Rafe reached out with his mind and almost recoiled.  He’d grown up on a world that he was starting to understand was a very old world, slowly dying beneath an unforgiving, harsh sun.  This world was so much younger and more active, and when he reached for living rock he didn’t have to drive forcefully down hunting for narrow veins of it.  It felt like it was sitting just below the surface of the world, huge and unquenchable, a roaring force that was just waiting for direction.  He couldn’t believe that people in this world could be so blind to it.  He reached out again, just touching the surface of the fire with his mind, feeling its rage and inchoate anger.  It burned and bubbled and yearned to be free.  There were difference in it as well, that he tended to think of as flavours for want of a better word.  There was, in some way he was still trying to understand, different kinds of fire present in this world, and he suspected that isolating them might prove interesting.

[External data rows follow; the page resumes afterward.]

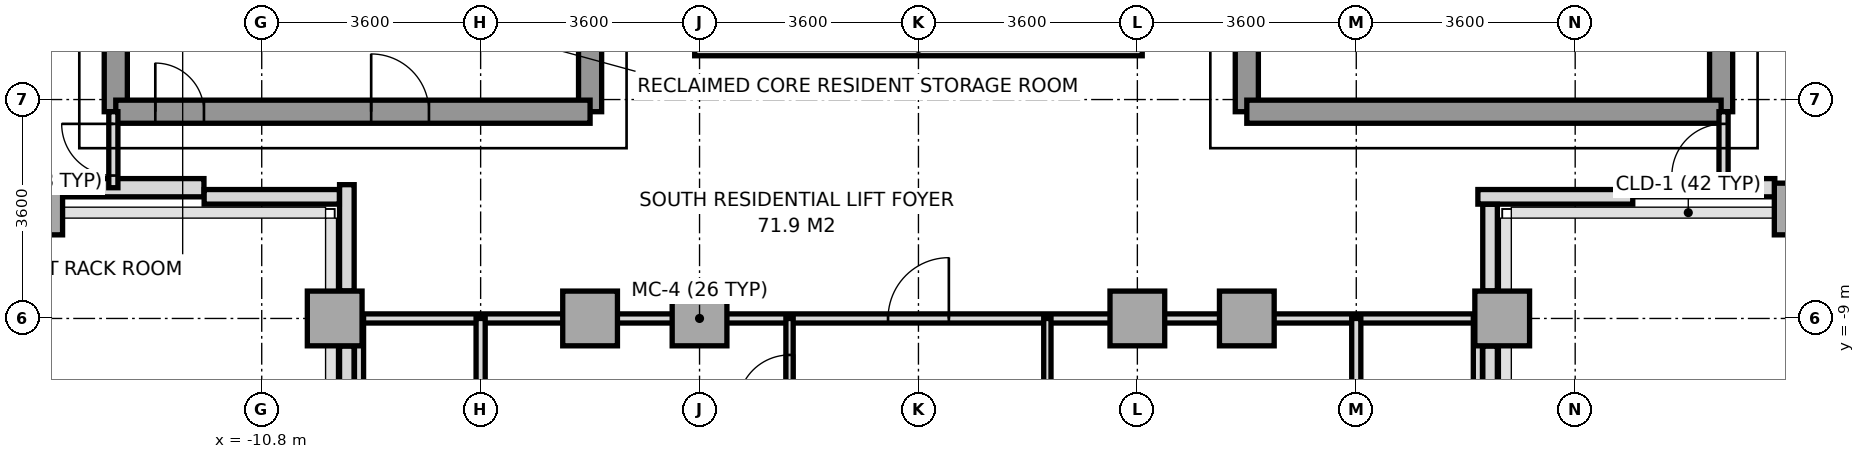
"""IFC4 building model, lengths in metres.
Left out: names, types, materials, properties, quantities, classifications, styles, units other than length and angle.
Written with IfcOpenShell. Run it as: python <this file> out.ifc"""

import sys

from ifc_helpers import new_model, si_unit, direction, frame, frame_2d, origin, origin_2d, place, context, subcontext, project, spatial, rectangle, extrude, source, transform, mapped, element, fill, save


model = new_model("IFC4")
c1 = context("Model", 3, precision=1e-05, world=origin(), true_north=direction((0.0, 1.0)))
c2 = subcontext(c1, "Body", "Model", "MODEL_VIEW")
j1 = project(units=[si_unit("LENGTHUNIT", "METRE"), si_unit("PLANEANGLEUNIT", "RADIAN")], contexts=[c1])
p1 = place(None, origin())
s1 = spatial("IfcSite", under=j1, at=p1, CompositionType="ELEMENT")
p2 = place(p1, origin())
s2 = spatial("IfcBuilding", under=s1, at=p2, CompositionType="ELEMENT")
p3 = place(p2, frame((0.0, 0.0, 211.4)))
s3 = spatial("IfcBuildingStorey", under=s2, at=p3, CompositionType="ELEMENT", Elevation=211.4)
m1 = source(origin(), c2, "Body", "SweptSolid", [
    extrude(rectangle(XDim=0.65, YDim=0.85, at=origin_2d()), origin(), (0.0, 0.0, 1.0), 3.14),
])
p4 = place(p3, frame((-14.4, -7.2, 0.0), z_axis=(0.0, 0.0, 1.0), x_axis=(1.0, 0.0, 0.0)))
e1 = element("IfcColumn", 1, at=p4, inside=s3, PredefinedType="COLUMN", context=c2, shape_type="MappedRepresentation", body=[
    mapped(m1, transform((0.0, 0.0, 0.0), x_axis=(1.0, 0.0, 0.0), y_axis=(0.0, 1.0, 0.0), z_axis=(0.0, 0.0, 1.0), scale=1.0)),
])
m2 = source(origin(), c2, "Body", "SweptSolid", [
    extrude(rectangle(XDim=0.9, YDim=0.9, at=origin_2d()), origin(), (0.0, 0.0, 1.0), 3.14),
])
for number, where, z_axis, x_axis in (
    (2, (-9.6, -9.0, 0.0), (0.0, 0.0, 1.0), (1.0, 0.0, 0.0)),
    (3, (-5.4, -9.0, 0.0), (0.0, 0.0, 1.0), (1.0, 0.0, 0.0)),
    (4, (-3.6, -9.0, 0.0), (0.0, 0.0, 1.0), (1.0, 0.0, 0.0)),
    (5, (3.6, -9.0, 0.0), (0.0, 0.0, 1.0), (1.0, 0.0, 0.0)),
    (6, (5.4, -9.0, 0.0), (0.0, 0.0, 1.0), (1.0, 0.0, 0.0)),
    (7, (9.6, -9.0, 0.0), (0.0, 0.0, 1.0), (1.0, 0.0, 0.0)),
):
    element("IfcColumn", number, at=place(p3, frame(where, z_axis=z_axis, x_axis=x_axis)), inside=s3, PredefinedType="COLUMN", context=c2, shape_type="MappedRepresentation", body=[
        mapped(m2, transform((0.0, 0.0, 0.0), x_axis=(1.0, 0.0, 0.0), y_axis=(0.0, 1.0, 0.0), z_axis=(0.0, 0.0, 1.0), scale=1.0)),
    ])
p5 = place(p3, frame((14.4, -7.2, 0.0), z_axis=(0.0, 0.0, 1.0), x_axis=(1.0, 0.0, 0.0)))
e8 = element("IfcColumn", 8, at=p5, inside=s3, PredefinedType="COLUMN", context=c2, shape_type="MappedRepresentation", body=[
    mapped(m1, transform((0.0, 0.0, 0.0), x_axis=(1.0, 0.0, 0.0), y_axis=(0.0, 1.0, 0.0), z_axis=(0.0, 0.0, 1.0), scale=1.0)),
])
for number, where, z_axis, x_axis in (
    (9, (-14.083, -6.85, 0.0), (0.0, 0.0, 1.0), (1.0, 0.0, 0.0)),
    (10, (11.75, -6.85, 0.0), (0.0, 0.0, 1.0), (1.0, 0.0, 0.0)),
):
    element("IfcWall", number, at=place(p3, frame(where, z_axis=z_axis, x_axis=x_axis)), inside=s3, PredefinedType="SOLIDWALL", context=c2, shape_type="SweptSolid", body=[
        extrude(rectangle(XDim=2.333, YDim=0.3, at=frame_2d((1.167, 0.0))), origin(), (0.0, 0.0, 1.0), 3.14),
    ])
p6 = place(p3, frame((11.747, -7.0, 0.0), z_axis=(0.0, 0.0, 1.0), x_axis=(-1.0, 0.0, 0.0)))
e11 = element("IfcWall", 11, at=p6, inside=s3, PredefinedType="PARAPET", context=c2, shape_type="SweptSolid", body=[
    extrude(rectangle(XDim=2.547, YDim=0.24, at=frame_2d((1.273, 0.0))), origin(), (0.0, 0.0, 1.0), 1.15),
])
p7 = place(p3, frame((9.4, -7.123, 0.0), z_axis=(0.0, 0.0, 1.0), x_axis=(0.0, -1.0, 0.0)))
e12 = element("IfcWall", 12, at=p7, inside=s3, PredefinedType="PARAPET", context=c2, shape_type="SweptSolid", body=[
    extrude(rectangle(XDim=1.424, YDim=0.24, at=frame_2d((0.712, 0.0))), origin(), (0.0, 0.0, 1.0), 1.15),
])
p8 = place(p3, frame((9.4, -9.453, 0.0), z_axis=(0.0, 0.0, 1.0), x_axis=(0.0, -1.0, 0.0)))
e13 = element("IfcWall", 13, at=p8, inside=s3, PredefinedType="PARAPET", context=c2, shape_type="SweptSolid", body=[
    extrude(rectangle(XDim=6.15, YDim=0.24, at=frame_2d((3.075, 0.0))), origin(), (0.0, 0.0, 1.0), 1.15),
])
p9 = place(p3, frame((-9.4, -15.358, 0.0), z_axis=(0.0, 0.0, 1.0), x_axis=(0.0, 1.0, 0.0)))
e14 = element("IfcWall", 14, at=p9, inside=s3, PredefinedType="PARAPET", context=c2, shape_type="SweptSolid", body=[
    extrude(rectangle(XDim=5.905, YDim=0.24, at=frame_2d((2.952, 0.0))), origin(), (0.0, 0.0, 1.0), 1.15),
])
p10 = place(p3, frame((-9.4, -8.547, 0.0), z_axis=(0.0, 0.0, 1.0), x_axis=(0.0, 1.0, 0.0)))
e15 = element("IfcWall", 15, at=p10, inside=s3, PredefinedType="PARAPET", context=c2, shape_type="SweptSolid", body=[
    extrude(rectangle(XDim=1.747, YDim=0.24, at=frame_2d((0.874, 0.0))), origin(), (0.0, 0.0, 1.0), 1.15),
])
p11 = place(p3, frame((-9.523, -7.0, 0.0), z_axis=(0.0, 0.0, 1.0), x_axis=(-1.0, 0.0, 0.0)))
e16 = element("IfcWall", 16, at=p11, inside=s3, PredefinedType="PARAPET", context=c2, shape_type="SweptSolid", body=[
    extrude(rectangle(XDim=2.224, YDim=0.24, at=frame_2d((1.112, 0.0))), origin(), (0.0, 0.0, 1.0), 1.15),
])
p12 = place(p3, frame((-13.2, -5.6, 0.0), z_axis=(0.0, 0.0, 1.0), x_axis=(0.0, 1.0, 0.0)))
e17 = element("IfcWall", 17, at=p12, inside=s3, PredefinedType="SHEAR", context=c2, shape_type="SweptSolid", body=[
    extrude(rectangle(XDim=11.2, YDim=0.38, at=frame_2d((5.6, 0.0))), origin(), (0.0, 0.0, 1.0), 3.14),
])
p13 = place(p3, frame((-5.4, -5.6, 0.0), z_axis=(0.0, 0.0, 1.0), x_axis=(0.0, 1.0, 0.0)))
e18 = element("IfcWall", 18, at=p13, inside=s3, PredefinedType="SHEAR", context=c2, shape_type="SweptSolid", body=[
    extrude(rectangle(XDim=12.5, YDim=0.38, at=frame_2d((6.25, 0.0))), origin(), (0.0, 0.0, 1.0), 3.14),
])
p14 = place(p13, frame((4.55, 0.0, 0.0)))
e19 = element("IfcOpeningElement", 19, at=p14, cuts=e18, PredefinedType="OPENING", context=c2, shape_type="SweptSolid", body=[
    extrude(rectangle(XDim=1.2, YDim=2.2, at=frame_2d((0.6, 1.1))), frame((0.0, 0.2, 0.0), z_axis=(0.0, -1.0, 0.0), x_axis=(1.0, 0.0, 0.0)), (0.0, 0.0, 1.0), 0.4),
])
p15 = place(p13, frame((10.45, 0.0, 0.0)))
e20 = element("IfcOpeningElement", 20, at=p15, cuts=e18, PredefinedType="OPENING", context=c2, shape_type="SweptSolid", body=[
    extrude(rectangle(XDim=1.2, YDim=2.2, at=frame_2d((0.6, 1.1))), frame((0.0, 0.2, 0.0), z_axis=(0.0, -1.0, 0.0), x_axis=(1.0, 0.0, 0.0)), (0.0, 0.0, 1.0), 0.4),
])
p16 = place(p13, frame((6.86, 0.0, 0.0)))
e21 = element("IfcOpeningElement", 21, at=p16, cuts=e18, PredefinedType="OPENING", context=c2, shape_type="SweptSolid", body=[
    extrude(rectangle(XDim=0.8, YDim=2.1, at=frame_2d((0.4, 1.05))), frame((0.0, 0.2, 0.0), z_axis=(0.0, -1.0, 0.0), x_axis=(1.0, 0.0, 0.0)), (0.0, 0.0, 1.0), 0.4),
])
p17 = place(p3, frame((-13.2, -5.6, 0.0), z_axis=(0.0, 0.0, 1.0), x_axis=(1.0, 0.0, 0.0)))
e22 = element("IfcWall", 22, at=p17, inside=s3, PredefinedType="SHEAR", context=c2, shape_type="SweptSolid", body=[
    extrude(rectangle(XDim=7.8, YDim=0.38, at=frame_2d((3.9, 0.0))), origin(), (0.0, 0.0, 1.0), 3.14),
])
p18 = place(p17, frame((0.65, 0.0, 0.0)))
e23 = element("IfcOpeningElement", 23, at=p18, cuts=e22, PredefinedType="OPENING", context=c2, shape_type="SweptSolid", body=[
    extrude(rectangle(XDim=0.8, YDim=2.1, at=frame_2d((0.4, 1.05))), frame((0.0, 0.2, 0.0), z_axis=(0.0, -1.0, 0.0), x_axis=(1.0, 0.0, 0.0)), (0.0, 0.0, 1.0), 0.4),
])
p19 = place(p17, frame((4.2, 0.0, 0.0)))
e24 = element("IfcOpeningElement", 24, at=p19, cuts=e22, PredefinedType="OPENING", context=c2, shape_type="SweptSolid", body=[
    extrude(rectangle(XDim=0.95, YDim=2.15, at=frame_2d((0.475, 1.075))), frame((0.0, 0.2, 0.0), z_axis=(0.0, -1.0, 0.0), x_axis=(1.0, 0.0, 0.0)), (0.0, 0.0, 1.0), 0.4),
])
p20 = place(p3, frame((13.2, -5.6, 0.0), z_axis=(0.0, 0.0, 1.0), x_axis=(0.0, 1.0, 0.0)))
e25 = element("IfcWall", 25, at=p20, inside=s3, PredefinedType="SHEAR", context=c2, shape_type="SweptSolid", body=[
    extrude(rectangle(XDim=11.2, YDim=0.38, at=frame_2d((5.6, 0.0))), origin(), (0.0, 0.0, 1.0), 3.14),
])
p21 = place(p3, frame((5.4, -5.6, 0.0), z_axis=(0.0, 0.0, 1.0), x_axis=(0.0, 1.0, 0.0)))
e26 = element("IfcWall", 26, at=p21, inside=s3, PredefinedType="SHEAR", context=c2, shape_type="SweptSolid", body=[
    extrude(rectangle(XDim=12.5, YDim=0.38, at=frame_2d((6.25, 0.0))), origin(), (0.0, 0.0, 1.0), 3.14),
])
p22 = place(p21, frame((4.55, 0.0, 0.0)))
e27 = element("IfcOpeningElement", 27, at=p22, cuts=e26, PredefinedType="OPENING", context=c2, shape_type="SweptSolid", body=[
    extrude(rectangle(XDim=1.2, YDim=2.2, at=frame_2d((0.6, 1.1))), frame((0.0, 0.2, 0.0), z_axis=(0.0, -1.0, 0.0), x_axis=(1.0, 0.0, 0.0)), (0.0, 0.0, 1.0), 0.4),
])
p23 = place(p21, frame((10.45, 0.0, 0.0)))
e28 = element("IfcOpeningElement", 28, at=p23, cuts=e26, PredefinedType="OPENING", context=c2, shape_type="SweptSolid", body=[
    extrude(rectangle(XDim=1.2, YDim=2.2, at=frame_2d((0.6, 1.1))), frame((0.0, 0.2, 0.0), z_axis=(0.0, -1.0, 0.0), x_axis=(1.0, 0.0, 0.0)), (0.0, 0.0, 1.0), 0.4),
])
p24 = place(p21, frame((6.86, 0.0, 0.0)))
e29 = element("IfcOpeningElement", 29, at=p24, cuts=e26, PredefinedType="OPENING", context=c2, shape_type="SweptSolid", body=[
    extrude(rectangle(XDim=0.8, YDim=2.1, at=frame_2d((0.4, 1.05))), frame((0.0, 0.2, 0.0), z_axis=(0.0, -1.0, 0.0), x_axis=(1.0, 0.0, 0.0)), (0.0, 0.0, 1.0), 0.4),
])
p25 = place(p3, frame((5.4, -5.6, 0.0), z_axis=(0.0, 0.0, 1.0), x_axis=(1.0, 0.0, 0.0)))
e30 = element("IfcWall", 30, at=p25, inside=s3, PredefinedType="SHEAR", context=c2, shape_type="SweptSolid", body=[
    extrude(rectangle(XDim=7.8, YDim=0.38, at=frame_2d((3.9, 0.0))), origin(), (0.0, 0.0, 1.0), 3.14),
])
p26 = place(p3, frame((-9.55, -9.0, 0.0), z_axis=(0.0, 0.0, 1.0), x_axis=(1.0, 0.0, 0.0)))
e31 = element("IfcWall", 31, at=p26, inside=s3, PredefinedType="PARTITIONING", context=c2, shape_type="SweptSolid", body=[
    extrude(rectangle(XDim=19.1, YDim=0.15, at=frame_2d((9.55, 0.0))), origin(), (0.0, 0.0, 1.0), 2.69),
])
p27 = place(p26, frame((9.05, 0.0, 0.0)))
e32 = element("IfcOpeningElement", 32, at=p27, cuts=e31, PredefinedType="OPENING", context=c2, shape_type="SweptSolid", body=[
    extrude(rectangle(XDim=1.0, YDim=2.2, at=frame_2d((0.5, 1.1))), frame((0.0, 0.085, 0.0), z_axis=(0.0, -1.0, 0.0), x_axis=(1.0, 0.0, 0.0)), (0.0, 0.0, 1.0), 0.17),
])
for number, where, z_axis, x_axis in (
    (33, (-9.2, -15.68, 0.0), (0.0, 0.0, 1.0), (0.0, 1.0, 0.0)),
    (34, (9.2, -15.68, 0.0), (0.0, 0.0, 1.0), (0.0, 1.0, 0.0)),
):
    element("IfcWall", number, at=place(p3, frame(where, z_axis=z_axis, x_axis=x_axis)), inside=s3, PredefinedType="PARTITIONING", context=c2, shape_type="SweptSolid", body=[
        extrude(rectangle(XDim=6.68, YDim=0.15, at=frame_2d((3.34, 0.0))), origin(), (0.0, 0.0, 1.0), 2.69),
    ])
for number, where, z_axis, x_axis in (
    (35, (-7.2, -21.02, 0.0), (0.0, 0.0, 1.0), (0.0, 1.0, 0.0)),
    (36, (7.2, -21.02, 0.0), (0.0, 0.0, 1.0), (0.0, 1.0, 0.0)),
):
    element("IfcWall", number, at=place(p3, frame(where, z_axis=z_axis, x_axis=x_axis)), inside=s3, PredefinedType="PARTITIONING", context=c2, shape_type="SweptSolid", body=[
        extrude(rectangle(XDim=12.02, YDim=0.15, at=frame_2d((6.01, 0.0))), origin(), (0.0, 0.0, 1.0), 2.69),
    ])
p28 = place(p3, frame((-2.12, -18.0, 0.0), z_axis=(0.0, 0.0, 1.0), x_axis=(0.0, 1.0, 0.0)))
e37 = element("IfcWall", 37, at=p28, inside=s3, PredefinedType="PARTITIONING", context=c2, shape_type="SweptSolid", body=[
    extrude(rectangle(XDim=9.0, YDim=0.12, at=frame_2d((4.5, 0.0))), origin(), (0.0, 0.0, 1.0), 2.69),
])
p29 = place(p28, frame((7.55, 0.0, 0.0)))
e38 = element("IfcOpeningElement", 38, at=p29, cuts=e37, PredefinedType="OPENING", context=c2, shape_type="SweptSolid", body=[
    extrude(rectangle(XDim=0.85, YDim=2.1, at=frame_2d((0.425, 1.05))), frame((0.0, 0.07, 0.0), z_axis=(0.0, -1.0, 0.0), x_axis=(1.0, 0.0, 0.0)), (0.0, 0.0, 1.0), 0.14),
])
p30 = place(p28, frame((0.5, 0.0, 0.0)))
e39 = element("IfcOpeningElement", 39, at=p30, cuts=e37, PredefinedType="OPENING", context=c2, shape_type="SweptSolid", body=[
    extrude(rectangle(XDim=0.95, YDim=2.15, at=frame_2d((0.475, 1.075))), frame((0.0, 0.07, 0.0), z_axis=(0.0, -1.0, 0.0), x_axis=(1.0, 0.0, 0.0)), (0.0, 0.0, 1.0), 0.14),
])
p31 = place(p3, frame((2.12, -18.0, 0.0), z_axis=(0.0, 0.0, 1.0), x_axis=(0.0, 1.0, 0.0)))
e40 = element("IfcWall", 40, at=p31, inside=s3, PredefinedType="PARTITIONING", context=c2, shape_type="SweptSolid", body=[
    extrude(rectangle(XDim=9.0, YDim=0.12, at=frame_2d((4.5, 0.0))), origin(), (0.0, 0.0, 1.0), 2.69),
])
p32 = place(p31, frame((1.6, 0.0, 0.0)))
e41 = element("IfcOpeningElement", 41, at=p32, cuts=e40, PredefinedType="OPENING", context=c2, shape_type="SweptSolid", body=[
    extrude(rectangle(XDim=0.95, YDim=2.15, at=frame_2d((0.475, 1.075))), frame((0.0, 0.07, 0.0), z_axis=(0.0, -1.0, 0.0), x_axis=(1.0, 0.0, 0.0)), (0.0, 0.0, 1.0), 0.14),
])
p33 = place(p3, frame((-13.24, -6.85, 0.0), z_axis=(0.0, 0.0, 1.0), x_axis=(0.0, 1.0, 0.0)))
e42 = element("IfcWall", 42, at=p33, inside=s3, PredefinedType="PARTITIONING", context=c2, shape_type="SweptSolid", body=[
    extrude(rectangle(XDim=1.25, YDim=0.15, at=frame_2d((0.625, 0.0))), origin(), (0.0, 0.0, 1.0), 3.14),
])
p34 = place(p33, frame((0.2, 0.0, 0.0)))
e43 = element("IfcOpeningElement", 43, at=p34, cuts=e42, PredefinedType="OPENING", context=c2, shape_type="SweptSolid", body=[
    extrude(rectangle(XDim=0.85, YDim=2.1, at=frame_2d((0.425, 1.05))), frame((0.0, 0.085, 0.0), z_axis=(0.0, -1.0, 0.0), x_axis=(1.0, 0.0, 0.0)), (0.0, 0.0, 1.0), 0.17),
])
p35 = place(p3, frame((13.24, -6.85, 0.0), z_axis=(0.0, 0.0, 1.0), x_axis=(0.0, 1.0, 0.0)))
e44 = element("IfcWall", 44, at=p35, inside=s3, PredefinedType="PARTITIONING", context=c2, shape_type="SweptSolid", body=[
    extrude(rectangle(XDim=1.25, YDim=0.15, at=frame_2d((0.625, 0.0))), origin(), (0.0, 0.0, 1.0), 3.14),
])
p36 = place(p35, frame((0.2, 0.0, 0.0)))
e45 = element("IfcOpeningElement", 45, at=p36, cuts=e44, PredefinedType="OPENING", context=c2, shape_type="SweptSolid", body=[
    extrude(rectangle(XDim=0.85, YDim=2.1, at=frame_2d((0.425, 1.05))), frame((0.0, 0.085, 0.0), z_axis=(0.0, -1.0, 0.0), x_axis=(1.0, 0.0, 0.0)), (0.0, 0.0, 1.0), 0.17),
])
p37 = place(p3, frame((-3.68, -4.56, 0.0), z_axis=(0.0, 0.0, 1.0), x_axis=(1.0, 0.0, 0.0)))
e46 = element("IfcWall", 46, at=p37, inside=s3, PredefinedType="PARAPET", context=c2, shape_type="SweptSolid", body=[
    extrude(rectangle(XDim=7.36, YDim=0.24, at=frame_2d((3.68, 0.0))), origin(), (0.0, 0.0, 1.0), 1.15),
])
m3 = source(origin(), c2, "Body", "SweptSolid", [
    extrude(rectangle(XDim=0.8, YDim=2.1, at=frame_2d((0.4, 1.05))), frame((0.0, 0.025, 0.0), z_axis=(0.0, -1.0, 0.0), x_axis=(1.0, 0.0, 0.0)), (0.0, 0.0, 1.0), 0.05),
])
p38 = place(p18, origin())
e47 = element("IfcDoor", 47, at=p38, inside=s3, OperationType="SINGLE_SWING_LEFT", PredefinedType="DOOR", context=c2, shape_type="MappedRepresentation", body=[
    mapped(m3, transform((0.0, 0.0, 0.0), x_axis=(1.0, 0.0, 0.0), y_axis=(0.0, 1.0, 0.0), z_axis=(0.0, 0.0, 1.0), scale=1.0)),
])
fill(e23, e47)
m4 = source(origin(), c2, "Body", "SweptSolid", [
    extrude(rectangle(XDim=0.95, YDim=2.15, at=frame_2d((0.475, 1.075))), frame((0.0, 0.025, 0.0), z_axis=(0.0, -1.0, 0.0), x_axis=(1.0, 0.0, 0.0)), (0.0, 0.0, 1.0), 0.05),
])
p39 = place(p19, origin())
e48 = element("IfcDoor", 48, at=p39, inside=s3, OperationType="SINGLE_SWING_LEFT", PredefinedType="DOOR", context=c2, shape_type="MappedRepresentation", body=[
    mapped(m4, transform((0.0, 0.0, 0.0), x_axis=(1.0, 0.0, 0.0), y_axis=(0.0, 1.0, 0.0), z_axis=(0.0, 0.0, 1.0), scale=1.0)),
])
fill(e24, e48)
m5 = source(origin(), c2, "Body", "SweptSolid", [
    extrude(rectangle(XDim=1.0, YDim=2.2, at=frame_2d((0.5, 1.1))), frame((0.0, 0.025, 0.0), z_axis=(0.0, -1.0, 0.0), x_axis=(1.0, 0.0, 0.0)), (0.0, 0.0, 1.0), 0.05),
])
p40 = place(p27, origin())
e49 = element("IfcDoor", 49, at=p40, inside=s3, OperationType="SINGLE_SWING_RIGHT", PredefinedType="DOOR", context=c2, shape_type="MappedRepresentation", body=[
    mapped(m5, transform((0.0, 0.0, 0.0), x_axis=(1.0, 0.0, 0.0), y_axis=(0.0, 1.0, 0.0), z_axis=(0.0, 0.0, 1.0), scale=1.0)),
])
fill(e32, e49)
m6 = source(origin(), c2, "Body", "SweptSolid", [
    extrude(rectangle(XDim=0.85, YDim=2.1, at=frame_2d((0.425, 1.05))), frame((0.0, 0.025, 0.0), z_axis=(0.0, -1.0, 0.0), x_axis=(1.0, 0.0, 0.0)), (0.0, 0.0, 1.0), 0.05),
])
p41 = place(p29, origin())
e50 = element("IfcDoor", 50, at=p41, inside=s3, OperationType="SINGLE_SWING_LEFT", PredefinedType="DOOR", context=c2, shape_type="MappedRepresentation", body=[
    mapped(m6, transform((0.0, 0.0, 0.0), x_axis=(1.0, 0.0, 0.0), y_axis=(0.0, 1.0, 0.0), z_axis=(0.0, 0.0, 1.0), scale=1.0)),
])
fill(e38, e50)
p42 = place(p34, origin())
e51 = element("IfcDoor", 51, at=p42, inside=s3, OperationType="SINGLE_SWING_RIGHT", PredefinedType="DOOR", context=c2, shape_type="MappedRepresentation", body=[
    mapped(m6, transform((0.0, 0.0, 0.0), x_axis=(1.0, 0.0, 0.0), y_axis=(0.0, 1.0, 0.0), z_axis=(0.0, 0.0, 1.0), scale=1.0)),
])
fill(e43, e51)
p43 = place(p36, origin())
e52 = element("IfcDoor", 52, at=p43, inside=s3, OperationType="SINGLE_SWING_LEFT", PredefinedType="DOOR", context=c2, shape_type="MappedRepresentation", body=[
    mapped(m6, transform((0.0, 0.0, 0.0), x_axis=(1.0, 0.0, 0.0), y_axis=(0.0, 1.0, 0.0), z_axis=(0.0, 0.0, 1.0), scale=1.0)),
])
fill(e45, e52)
save(model, sys.argv[1])

“Rafe?”  The woman who spoke was white-haired and wrinkled, shorter than him and leaned on a stick.  He had been told that she was powerful, but as far as he could tell she couldn’t feel the fires beneath the earth’s surface at all.  When he’d tried reaching for the wind was found the roaring, howling madness that existed in the atmosphere here he’d seen a reaction from her, and he suspected that she was some kind of weather specialist.  He tried not to think too badly of her for that.  “Rafe, can you find anything?  Do you think you can do your… magic here?”  The hesitation before she said magic annoyed him, it was as though she didn’t believe him.
He picked the fire and let it find a path through him, burning along his muscles and through his veins, suffusing and infusing him with its energy, and he felt tiredness burn away, toxins evaporate and a healthy glow form around him.  He opened his hands, letting the fire rush into his fingertips, and shaped it as it let loose.  Only then did he really realise how much of it there was.  Though he’d cast this spell hundreds of times before, he expected it to produce a ball of fire that would fit in the palm of his hand and illuminate the inside of a goatskin tent.  This time he produced a ball of fire twelve feet in diameter that filled the room, forcing the audience to press themselves against the walls.  The heat it gave off was like the desert at noon, and it was so bright that he could see it even through his thin, horny eyelids.
He dropped the spell, feeling the fire subside, and the ball of flame persisted for seconds, so long that he worried that it had taken on an independent existence.  Then it winked out and air rushed into the room to fill where it had been, rustling cloaks and dresses and providing a welcome cool breeze.
The woman with white hair was lying on the floor.  Her stick was a line of ash on the floor and she appeared sunburned.  As two of the younger women gasped and then rushed over to her, she levered herself up onto an arm and looked at him, meeting his gaze.
“That was impressive,” she said, “but I don’t think it’s what you intended.  You will need to learn control.”
Rafe nodded.  He knew that for a fact.

“But it was only fire,” she said.  “There are many other aspects of magic as well.”  She waved one of the girls out of the way because she was blocking the white-haired woman’s view of Rafe.  “I would like Lord Despeke to show you an aspect, I think.”